Pouvoir du pape, restauration impériale
La disparition de l'Empire romain en 476 laisse la place à des royaumes barbares. Le pape, à Rome, dispose de la primauté sur tous les évêques d'Occident. À la différence du patriarche de Constantinople, il n'est pas nommé par une autorité politique. Il est élu par les principaux prêtres de la ville, appelés cardinaux. Il possède donc une autonomie qui fait défaut au patriarche de Constantinople. En revanche, il n'est pas protégé par un souverain temporel. Théoriquement, la ville de Rome est censée être protégée par l'empereur byzantin, mais lorsque les Lombards envahissent l'Italie, au viiie siècle, Byzance, occupée à endiguer l'invasion arabe, ne peut intervenir. Le pape fait alors appel au roi des Francs, Pépin le Bref, pour sauver son autorité. Pépin accorde au pape un territoire en Italie centrale, qui devient les États pontificaux et dont le Vatican actuel est le lointain héritier. Le pape est donc, dans ses États, chef politique et religieux, instituant ainsi une théocratie. Dans les autres États, il exerce le pouvoir spirituel sur ses fidèles. Le pape peut également légitimer le pouvoir d'un souverain temporel. En l'an 800, le pape Léon III fait appel à Charlemagne, roi des Francs, fils de Pépin le Bref, pour l'aider face aux Lombards qui menacent son État. En remerciement, le pape couronne Charlemagne empereur d'Occident, le 24 décembre de la même année. Il crée ainsi une situation inédite : le pape s'arroge le droit de choisir l'empereur, à l'inverse de ce qui se passe à Byzance. En échange, Charlemagne protège le pape et s'engage à diffuser la foi dans les territoires qu'il conquiert, comme la Saxe.

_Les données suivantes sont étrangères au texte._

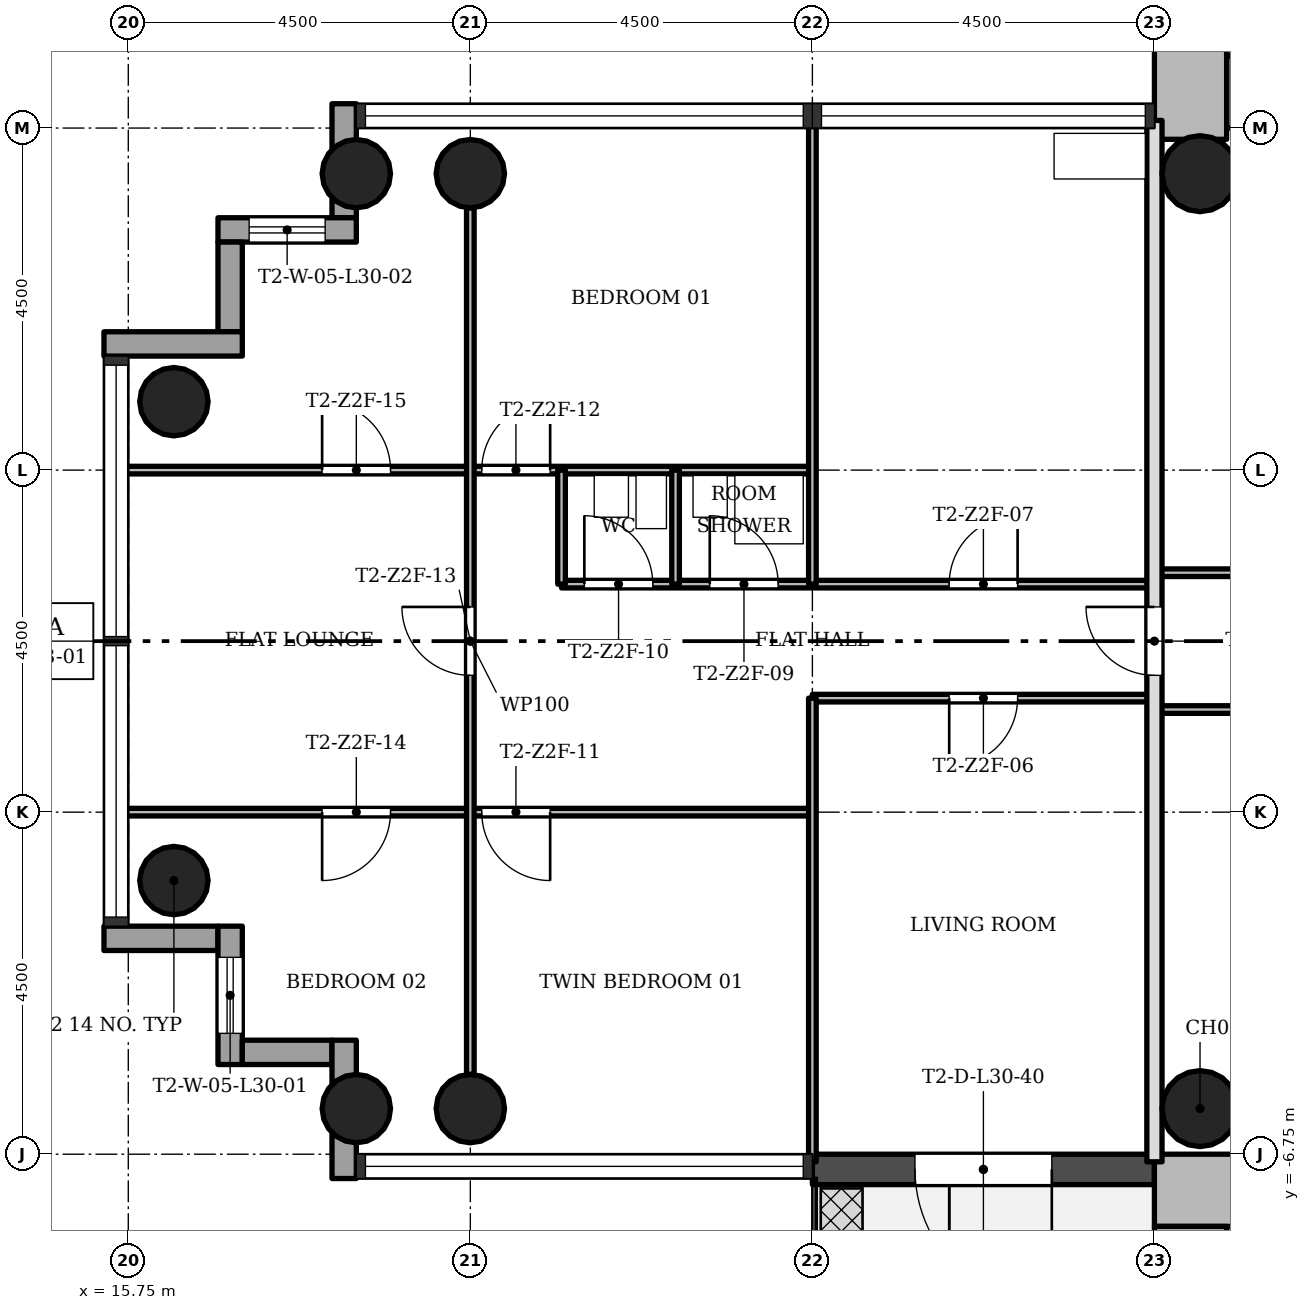
"""IFC4 building model, lengths in metres.
Left out: names, types, materials, properties, quantities, classifications, styles, units other than length and angle.
Written with IfcOpenShell. Run it as: python <this file> out.ifc"""

import sys

from ifc_helpers import new_model, si_unit, direction, frame, frame_2d, origin, origin_2d, place, context, subcontext, project, spatial, rectangle, hollow_circle, extrude, element, fill, save


model = new_model("IFC4")
c1 = context("Model", 3, precision=1e-05, world=origin(), true_north=direction((0.0, 1.0)))
c2 = subcontext(c1, "Body", "Model", "MODEL_VIEW")
j1 = project(units=[si_unit("LENGTHUNIT", "METRE"), si_unit("PLANEANGLEUNIT", "RADIAN")], contexts=[c1])
p1 = place(None, origin())
s1 = spatial("IfcSite", under=j1, at=p1, CompositionType="ELEMENT")
p2 = place(p1, origin())
s2 = spatial("IfcBuilding", under=s1, at=p2, CompositionType="ELEMENT")
p3 = place(p2, frame((0.0, 0.0, 110.6)))
s3 = spatial("IfcBuildingStorey", under=s2, at=p3, CompositionType="ELEMENT", Elevation=110.6)
p4 = place(p3, frame((30.2, 7.225, 0.0), z_axis=(0.0, 0.0, 1.0), x_axis=(1.0, 0.0, 0.0)))
e1 = element("IfcWall", 1, at=p4, inside=s3, PredefinedType="SHEAR", context=c2, shape_type="SweptSolid", body=[
    extrude(rectangle(XDim=12.55, YDim=0.95, at=frame_2d((6.275, 0.0))), origin(), (0.0, 0.0, 1.0), 3.4),
])
p5 = place(p4, frame((4.9, 0.0, 0.0)))
e2 = element("IfcOpeningElement", 2, at=p5, cuts=e1, PredefinedType="OPENING", context=c2, shape_type="SweptSolid", body=[
    extrude(rectangle(XDim=1.8, YDim=2.1, at=frame_2d((0.9, 1.05))), frame((0.0, 0.485, 0.0), z_axis=(0.0, -1.0, 0.0), x_axis=(1.0, 0.0, 0.0)), (0.0, 0.0, 1.0), 0.97),
])
p6 = place(p3, frame((29.725, 15.298, 0.0), z_axis=(0.0, 0.0, 1.0), x_axis=(0.0, -1.0, 0.0)))
e3 = element("IfcWall", 3, at=p6, inside=s3, PredefinedType="SHEAR", context=c2, shape_type="SweptSolid", body=[
    extrude(rectangle(XDim=8.696, YDim=0.95, at=frame_2d((4.348, 0.0))), origin(), (0.0, 0.0, 1.0), 3.4),
])
p7 = place(p3, frame((41.8, -7.225, 0.0), z_axis=(0.0, 0.0, 1.0), x_axis=(-1.0, 0.0, 0.0)))
e4 = element("IfcWall", 4, at=p7, inside=s3, PredefinedType="SHEAR", context=c2, shape_type="SweptSolid", body=[
    extrude(rectangle(XDim=12.55, YDim=0.95, at=frame_2d((6.275, 0.0))), origin(), (0.0, 0.0, 1.0), 3.4),
])
p8 = place(p7, frame((4.9, 0.0, 0.0)))
e5 = element("IfcOpeningElement", 5, at=p8, cuts=e4, PredefinedType="OPENING", context=c2, shape_type="SweptSolid", body=[
    extrude(rectangle(XDim=1.8, YDim=2.1, at=frame_2d((0.9, 1.05))), frame((0.0, 0.485, 0.0), z_axis=(0.0, -1.0, 0.0), x_axis=(1.0, 0.0, 0.0)), (0.0, 0.0, 1.0), 0.97),
])
p9 = place(p3, frame((29.725, -7.7, 0.0), z_axis=(0.0, 0.0, 1.0), x_axis=(0.0, -1.0, 0.0)))
e6 = element("IfcWall", 6, at=p9, inside=s3, PredefinedType="SHEAR", context=c2, shape_type="SweptSolid", body=[
    extrude(rectangle(XDim=8.05, YDim=0.95, at=frame_2d((4.025, 0.0))), origin(), (0.0, 0.0, 1.0), 3.4),
])
for number, where, z_axis, x_axis in (
    (7, (20.25, 6.15, 0.0), (0.0, 0.0, 1.0), (1.0, 0.0, 0.0)),
    (8, (20.25, -6.15, 0.0), (0.0, 0.0, 1.0), (1.0, 0.0, 0.0)),
    (9, (18.75, 6.15, 0.0), (0.0, 0.0, 1.0), (1.0, 0.0, 0.0)),
    (10, (18.75, -6.15, 0.0), (0.0, 0.0, 1.0), (1.0, 0.0, 0.0)),
    (11, (16.35, 3.15, 0.0), (0.0, 0.0, 1.0), (1.0, 0.0, 0.0)),
    (12, (16.35, -3.15, 0.0), (0.0, 0.0, 1.0), (1.0, 0.0, 0.0)),
):
    element("IfcColumn", number, at=place(p3, frame(where, z_axis=z_axis, x_axis=x_axis)), inside=s3, PredefinedType="COLUMN", context=c2, shape_type="SweptSolid", body=[
        extrude(hollow_circle(Radius=0.45, WallThickness=0.032, at=origin_2d()), origin(), (0.0, 0.0, 1.0), 3.4),
    ])
for number, where, z_axis, x_axis in (
    (13, (29.85, 6.15, 0.0), (0.0, 0.0, 1.0), (1.0, 0.0, 0.0)),
    (14, (29.85, -6.15, 0.0), (0.0, 0.0, 1.0), (1.0, 0.0, 0.0)),
):
    element("IfcColumn", number, at=place(p3, frame(where, z_axis=z_axis, x_axis=x_axis)), inside=s3, PredefinedType="COLUMN", context=c2, shape_type="SweptSolid", body=[
        extrude(hollow_circle(Radius=0.5, WallThickness=0.036, at=origin_2d()), origin(), (0.0, 0.0, 1.0), 3.4),
    ])
p10 = place(p3, frame((18.59, 7.07, -0.3), z_axis=(0.0, 0.0, 1.0), x_axis=(0.0, -1.0, 0.0)))
e15 = element("IfcWall", 15, at=p10, inside=s3, PredefinedType="STANDARD", context=c2, shape_type="SweptSolid", body=[
    extrude(rectangle(XDim=1.5, YDim=0.32, at=frame_2d((0.75, 0.0))), origin(), (0.0, 0.0, 1.0), 3.4),
])
p11 = place(p3, frame((18.75, 5.41, -0.3), z_axis=(0.0, 0.0, 1.0), x_axis=(-1.0, 0.0, 0.0)))
e16 = element("IfcWall", 16, at=p11, inside=s3, PredefinedType="STANDARD", context=c2, shape_type="SweptSolid", body=[
    extrude(rectangle(XDim=1.82, YDim=0.32, at=frame_2d((0.91, 0.0))), origin(), (0.0, 0.0, 1.0), 3.4),
])
p12 = place(p11, frame((0.41, 0.0, 1.2)))
e17 = element("IfcOpeningElement", 17, at=p12, cuts=e16, PredefinedType="OPENING", context=c2, shape_type="SweptSolid", body=[
    extrude(rectangle(XDim=1.0, YDim=1.5, at=frame_2d((0.5, 0.75))), frame((0.0, 0.17, 0.0), z_axis=(0.0, -1.0, 0.0), x_axis=(1.0, 0.0, 0.0)), (0.0, 0.0, 1.0), 0.34),
])
p13 = place(p3, frame((17.09, 5.25, -0.3), z_axis=(0.0, 0.0, 1.0), x_axis=(0.0, -1.0, 0.0)))
e18 = element("IfcWall", 18, at=p13, inside=s3, PredefinedType="STANDARD", context=c2, shape_type="SweptSolid", body=[
    extrude(rectangle(XDim=1.18, YDim=0.32, at=frame_2d((0.59, 0.0))), origin(), (0.0, 0.0, 1.0), 3.4),
])
p14 = place(p3, frame((17.25, 3.91, -0.3), z_axis=(0.0, 0.0, 1.0), x_axis=(-1.0, 0.0, 0.0)))
e19 = element("IfcWall", 19, at=p14, inside=s3, PredefinedType="STANDARD", context=c2, shape_type="SweptSolid", body=[
    extrude(rectangle(XDim=1.82, YDim=0.32, at=frame_2d((0.91, 0.0))), origin(), (0.0, 0.0, 1.0), 3.4),
])
p15 = place(p3, frame((15.43, -3.91, -0.3), z_axis=(0.0, 0.0, 1.0), x_axis=(1.0, 0.0, 0.0)))
e20 = element("IfcWall", 20, at=p15, inside=s3, PredefinedType="STANDARD", context=c2, shape_type="SweptSolid", body=[
    extrude(rectangle(XDim=1.5, YDim=0.32, at=frame_2d((0.75, 0.0))), origin(), (0.0, 0.0, 1.0), 3.4),
])
p16 = place(p3, frame((17.09, -3.75, -0.3), z_axis=(0.0, 0.0, 1.0), x_axis=(0.0, -1.0, 0.0)))
e21 = element("IfcWall", 21, at=p16, inside=s3, PredefinedType="STANDARD", context=c2, shape_type="SweptSolid", body=[
    extrude(rectangle(XDim=1.82, YDim=0.32, at=frame_2d((0.91, 0.0))), origin(), (0.0, 0.0, 1.0), 3.4),
])
p17 = place(p16, frame((0.41, 0.0, 1.2)))
e22 = element("IfcOpeningElement", 22, at=p17, cuts=e21, PredefinedType="OPENING", context=c2, shape_type="SweptSolid", body=[
    extrude(rectangle(XDim=1.0, YDim=1.5, at=frame_2d((0.5, 0.75))), frame((0.0, 0.17, 0.0), z_axis=(0.0, -1.0, 0.0), x_axis=(1.0, 0.0, 0.0)), (0.0, 0.0, 1.0), 0.34),
])
p18 = place(p3, frame((17.25, -5.41, -0.3), z_axis=(0.0, 0.0, 1.0), x_axis=(1.0, 0.0, 0.0)))
e23 = element("IfcWall", 23, at=p18, inside=s3, PredefinedType="STANDARD", context=c2, shape_type="SweptSolid", body=[
    extrude(rectangle(XDim=1.18, YDim=0.32, at=frame_2d((0.59, 0.0))), origin(), (0.0, 0.0, 1.0), 3.4),
])
p19 = place(p3, frame((18.59, -5.25, -0.3), z_axis=(0.0, 0.0, 1.0), x_axis=(0.0, -1.0, 0.0)))
e24 = element("IfcWall", 24, at=p19, inside=s3, PredefinedType="STANDARD", context=c2, shape_type="SweptSolid", body=[
    extrude(rectangle(XDim=1.82, YDim=0.32, at=frame_2d((0.91, 0.0))), origin(), (0.0, 0.0, 1.0), 3.4),
])
p20 = place(p3, frame((24.75, -6.95, -0.02), z_axis=(0.0, 0.0, 1.0), x_axis=(1.0, 0.0, 0.0)))
e25 = element("IfcWall", 25, at=p20, inside=s3, PredefinedType="STANDARD", context=c2, shape_type="SweptSolid", body=[
    extrude(rectangle(XDim=4.5, YDim=0.4, at=frame_2d((2.25, 0.0))), origin(), (0.0, 0.0, 1.0), 3.12),
])
p21 = place(p20, frame((1.35, 0.0, 0.02)))
e26 = element("IfcOpeningElement", 26, at=p21, cuts=e25, PredefinedType="OPENING", context=c2, shape_type="SweptSolid", body=[
    extrude(rectangle(XDim=1.8, YDim=2.1, at=frame_2d((0.9, 1.05))), frame((0.0, 0.21, 0.0), z_axis=(0.0, -1.0, 0.0), x_axis=(1.0, 0.0, 0.0)), (0.0, 0.0, 1.0), 0.42),
])
p22 = place(p3, frame((24.75, -2.25, 0.0), z_axis=(0.0, 0.0, 1.0), x_axis=(-1.0, 0.0, 0.0)))
e27 = element("IfcWall", 27, at=p22, inside=s3, PredefinedType="PARTITIONING", context=c2, shape_type="SweptSolid", body=[
    extrude(rectangle(XDim=9.1, YDim=0.1, at=frame_2d((4.55, 0.0))), origin(), (0.0, 0.0, 1.0), 3.0),
])
p23 = place(p22, frame((3.45, 0.0, 0.0)))
e28 = element("IfcOpeningElement", 28, at=p23, cuts=e27, PredefinedType="OPENING", context=c2, shape_type="SweptSolid", body=[
    extrude(rectangle(XDim=0.9, YDim=2.1, at=frame_2d((0.45, 1.05))), frame((0.0, 0.06, 0.0), z_axis=(0.0, -1.0, 0.0), x_axis=(1.0, 0.0, 0.0)), (0.0, 0.0, 1.0), 0.12),
])
p24 = place(p22, frame((5.55, 0.0, 0.0)))
e29 = element("IfcOpeningElement", 29, at=p24, cuts=e27, PredefinedType="OPENING", context=c2, shape_type="SweptSolid", body=[
    extrude(rectangle(XDim=0.9, YDim=2.1, at=frame_2d((0.45, 1.05))), frame((0.0, 0.06, 0.0), z_axis=(0.0, -1.0, 0.0), x_axis=(1.0, 0.0, 0.0)), (0.0, 0.0, 1.0), 0.12),
])
p25 = place(p3, frame((34.5, -0.9, 0.0), z_axis=(0.0, 0.0, 1.0), x_axis=(-1.0, 0.0, 0.0)))
e30 = element("IfcWall", 30, at=p25, inside=s3, PredefinedType="PARTITIONING", context=c2, shape_type="SweptSolid", body=[
    extrude(rectangle(XDim=5.25, YDim=0.1, at=frame_2d((2.625, 0.0))), origin(), (0.0, 0.0, 1.0), 3.0),
])
p26 = place(p3, frame((29.25, -0.75, 0.0), z_axis=(0.0, 0.0, 1.0), x_axis=(-1.0, 0.0, 0.0)))
e31 = element("IfcWall", 31, at=p26, inside=s3, PredefinedType="PARTITIONING", context=c2, shape_type="SweptSolid", body=[
    extrude(rectangle(XDim=4.5, YDim=0.1, at=frame_2d((2.25, 0.0))), origin(), (0.0, 0.0, 1.0), 3.0),
])
p27 = place(p26, frame((1.8, 0.0, 0.0)))
e32 = element("IfcOpeningElement", 32, at=p27, cuts=e31, PredefinedType="OPENING", context=c2, shape_type="SweptSolid", body=[
    extrude(rectangle(XDim=0.9, YDim=2.1, at=frame_2d((0.45, 1.05))), frame((0.0, 0.06, 0.0), z_axis=(0.0, -1.0, 0.0), x_axis=(1.0, 0.0, 0.0)), (0.0, 0.0, 1.0), 0.12),
])
p28 = place(p3, frame((29.25, 0.75, 0.0), z_axis=(0.0, 0.0, 1.0), x_axis=(-1.0, 0.0, 0.0)))
e33 = element("IfcWall", 33, at=p28, inside=s3, PredefinedType="PARTITIONING", context=c2, shape_type="SweptSolid", body=[
    extrude(rectangle(XDim=7.8, YDim=0.1, at=frame_2d((3.9, 0.0))), origin(), (0.0, 0.0, 1.0), 3.0),
])
p29 = place(p28, frame((1.8, 0.0, 0.0)))
e34 = element("IfcOpeningElement", 34, at=p29, cuts=e33, PredefinedType="OPENING", context=c2, shape_type="SweptSolid", body=[
    extrude(rectangle(XDim=0.9, YDim=2.1, at=frame_2d((0.45, 1.05))), frame((0.0, 0.06, 0.0), z_axis=(0.0, -1.0, 0.0), x_axis=(1.0, 0.0, 0.0)), (0.0, 0.0, 1.0), 0.12),
])
p30 = place(p28, frame((4.95, 0.0, 0.0)))
e35 = element("IfcOpeningElement", 35, at=p30, cuts=e33, PredefinedType="OPENING", context=c2, shape_type="SweptSolid", body=[
    extrude(rectangle(XDim=0.9, YDim=2.1, at=frame_2d((0.45, 1.05))), frame((0.0, 0.06, 0.0), z_axis=(0.0, -1.0, 0.0), x_axis=(1.0, 0.0, 0.0)), (0.0, 0.0, 1.0), 0.12),
])
p31 = place(p28, frame((6.6, 0.0, 0.0)))
e36 = element("IfcOpeningElement", 36, at=p31, cuts=e33, PredefinedType="OPENING", context=c2, shape_type="SweptSolid", body=[
    extrude(rectangle(XDim=0.9, YDim=2.1, at=frame_2d((0.45, 1.05))), frame((0.0, 0.06, 0.0), z_axis=(0.0, -1.0, 0.0), x_axis=(1.0, 0.0, 0.0)), (0.0, 0.0, 1.0), 0.12),
])
p32 = place(p3, frame((34.5, 0.9, 0.0), z_axis=(0.0, 0.0, 1.0), x_axis=(-1.0, 0.0, 0.0)))
e37 = element("IfcWall", 37, at=p32, inside=s3, PredefinedType="PARTITIONING", context=c2, shape_type="SweptSolid", body=[
    extrude(rectangle(XDim=5.25, YDim=0.1, at=frame_2d((2.625, 0.0))), origin(), (0.0, 0.0, 1.0), 3.0),
])
p33 = place(p32, frame((0.75, 0.0, 0.0)))
e38 = element("IfcOpeningElement", 38, at=p33, cuts=e37, PredefinedType="OPENING", context=c2, shape_type="SweptSolid", body=[
    extrude(rectangle(XDim=0.9, YDim=2.1, at=frame_2d((0.45, 1.05))), frame((0.0, 0.06, 0.0), z_axis=(0.0, -1.0, 0.0), x_axis=(1.0, 0.0, 0.0)), (0.0, 0.0, 1.0), 0.12),
])
p34 = place(p3, frame((24.75, 2.25, 0.0), z_axis=(0.0, 0.0, 1.0), x_axis=(-1.0, 0.0, 0.0)))
e39 = element("IfcWall", 39, at=p34, inside=s3, PredefinedType="PARTITIONING", context=c2, shape_type="SweptSolid", body=[
    extrude(rectangle(XDim=9.1, YDim=0.1, at=frame_2d((4.55, 0.0))), origin(), (0.0, 0.0, 1.0), 3.0),
])
p35 = place(p34, frame((3.45, 0.0, 0.0)))
e40 = element("IfcOpeningElement", 40, at=p35, cuts=e39, PredefinedType="OPENING", context=c2, shape_type="SweptSolid", body=[
    extrude(rectangle(XDim=0.9, YDim=2.1, at=frame_2d((0.45, 1.05))), frame((0.0, 0.06, 0.0), z_axis=(0.0, -1.0, 0.0), x_axis=(1.0, 0.0, 0.0)), (0.0, 0.0, 1.0), 0.12),
])
p36 = place(p34, frame((5.55, 0.0, 0.0)))
e41 = element("IfcOpeningElement", 41, at=p36, cuts=e39, PredefinedType="OPENING", context=c2, shape_type="SweptSolid", body=[
    extrude(rectangle(XDim=0.9, YDim=2.1, at=frame_2d((0.45, 1.05))), frame((0.0, 0.06, 0.0), z_axis=(0.0, -1.0, 0.0), x_axis=(1.0, 0.0, 0.0)), (0.0, 0.0, 1.0), 0.12),
])
p37 = place(p3, frame((29.25, -6.85, 0.0), z_axis=(0.0, 0.0, 1.0), x_axis=(0.0, 1.0, 0.0)))
e42 = element("IfcWall", 42, at=p37, inside=s3, PredefinedType="SOLIDWALL", context=c2, shape_type="SweptSolid", body=[
    extrude(rectangle(XDim=13.7, YDim=0.2, at=frame_2d((6.85, 0.0))), origin(), (0.0, 0.0, 1.0), 3.0),
])
p38 = place(p37, frame((6.4, 0.0, 0.0)))
e43 = element("IfcOpeningElement", 43, at=p38, cuts=e42, PredefinedType="OPENING", context=c2, shape_type="SweptSolid", body=[
    extrude(rectangle(XDim=0.9, YDim=2.1, at=frame_2d((0.45, 1.05))), frame((0.0, 0.11, 0.0), z_axis=(0.0, -1.0, 0.0), x_axis=(1.0, 0.0, 0.0)), (0.0, 0.0, 1.0), 0.22),
])
for number, where, z_axis, x_axis in (
    (44, (24.75, -6.85, 0.0), (0.0, 0.0, 1.0), (0.0, 1.0, 0.0)),
    (45, (24.75, 0.75, 0.0), (0.0, 0.0, 1.0), (0.0, 1.0, 0.0)),
):
    element("IfcWall", number, at=place(p3, frame(where, z_axis=z_axis, x_axis=x_axis)), inside=s3, PredefinedType="PARTITIONING", context=c2, shape_type="SweptSolid", body=[
        extrude(rectangle(XDim=6.1, YDim=0.1, at=frame_2d((3.05, 0.0))), origin(), (0.0, 0.0, 1.0), 3.0),
    ])
for number, where, z_axis, x_axis in (
    (46, (22.95, 0.75, 0.0), (0.0, 0.0, 1.0), (0.0, 1.0, 0.0)),
    (47, (21.45, 0.75, 0.0), (0.0, 0.0, 1.0), (0.0, 1.0, 0.0)),
):
    element("IfcWall", number, at=place(p3, frame(where, z_axis=z_axis, x_axis=x_axis)), inside=s3, PredefinedType="PARTITIONING", context=c2, shape_type="SweptSolid", body=[
        extrude(rectangle(XDim=1.5, YDim=0.1, at=frame_2d((0.75, 0.0))), origin(), (0.0, 0.0, 1.0), 3.0),
    ])
p39 = place(p3, frame((20.25, -5.7, 0.0), z_axis=(0.0, 0.0, 1.0), x_axis=(0.0, 1.0, 0.0)))
e48 = element("IfcWall", 48, at=p39, inside=s3, PredefinedType="PARTITIONING", context=c2, shape_type="SweptSolid", body=[
    extrude(rectangle(XDim=11.4, YDim=0.1, at=frame_2d((5.7, 0.0))), origin(), (0.0, 0.0, 1.0), 3.0),
])
p40 = place(p39, frame((5.25, 0.0, 0.0)))
e49 = element("IfcOpeningElement", 49, at=p40, cuts=e48, PredefinedType="OPENING", context=c2, shape_type="SweptSolid", body=[
    extrude(rectangle(XDim=0.9, YDim=2.1, at=frame_2d((0.45, 1.05))), frame((0.0, 0.06, 0.0), z_axis=(0.0, -1.0, 0.0), x_axis=(1.0, 0.0, 0.0)), (0.0, 0.0, 1.0), 0.12),
])
p41 = place(p3, frame((34.1, 7.825, 0.0), z_axis=(0.0, 0.0, 1.0), x_axis=(-1.0, 0.0, 0.0)))
e50 = element("IfcWall", 50, at=p41, inside=s3, PredefinedType="SHEAR", context=c2, shape_type="SweptSolid", body=[
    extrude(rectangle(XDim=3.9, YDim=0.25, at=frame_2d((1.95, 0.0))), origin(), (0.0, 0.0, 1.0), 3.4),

La lutte du sacerdoce et de l'Empire
Dans ce système théocratique, le pape est ainsi celui qui possède le pouvoir spirituel, qu'il conserve et le pouvoir temporel, qu'il délègue (théorie des deux glaives). Tout au long des xiie  et xiiie siècles, les empereurs du Saint Empire romain germanique tentèrent de se libérer de cette tutelle du pape et les papes tentèrent de la conserver, en utilisant l'arme de l'excommunication, les sujets de l'empereur n'étant plus censés lui obéir s'il était l'objet de cette sanction.
Les héritages du rapport entre le pape et les souverains en Occident
Cependant, dans la plupart des royaumes de l'Occident chrétien, le souverain ne dépend pas du pape. En France, par exemple, l'institution de la cérémonie du sacre, par Pépin le Bref, permet au roi d'être sacré à Reims, avec une onction de l'huile de la sainte ampoule, sans que ni l'Église, ni le pape n'aient à choisir le souverain. Toutefois, ces rois peuvent toujours être frappés par une excommunication s'ils s'opposent au pouvoir spirituel du pape. À l'époque moderne, certains rois choisissent ainsi le protestantisme pour se libérer de cette tutelle et devenir eux-mêmes chefs ou protecteurs des Églises, comme le fit Henri VIII en Angleterre. En France, Louis XIV choisit de rester catholique, tout en gardant un important pouvoir temporel sur l'Église, dans le cadre du gallicanisme. Le sacre est alors utilisé pour montrer que le roi est élu par Dieu, suivant le principe de la monarchie de droit divin.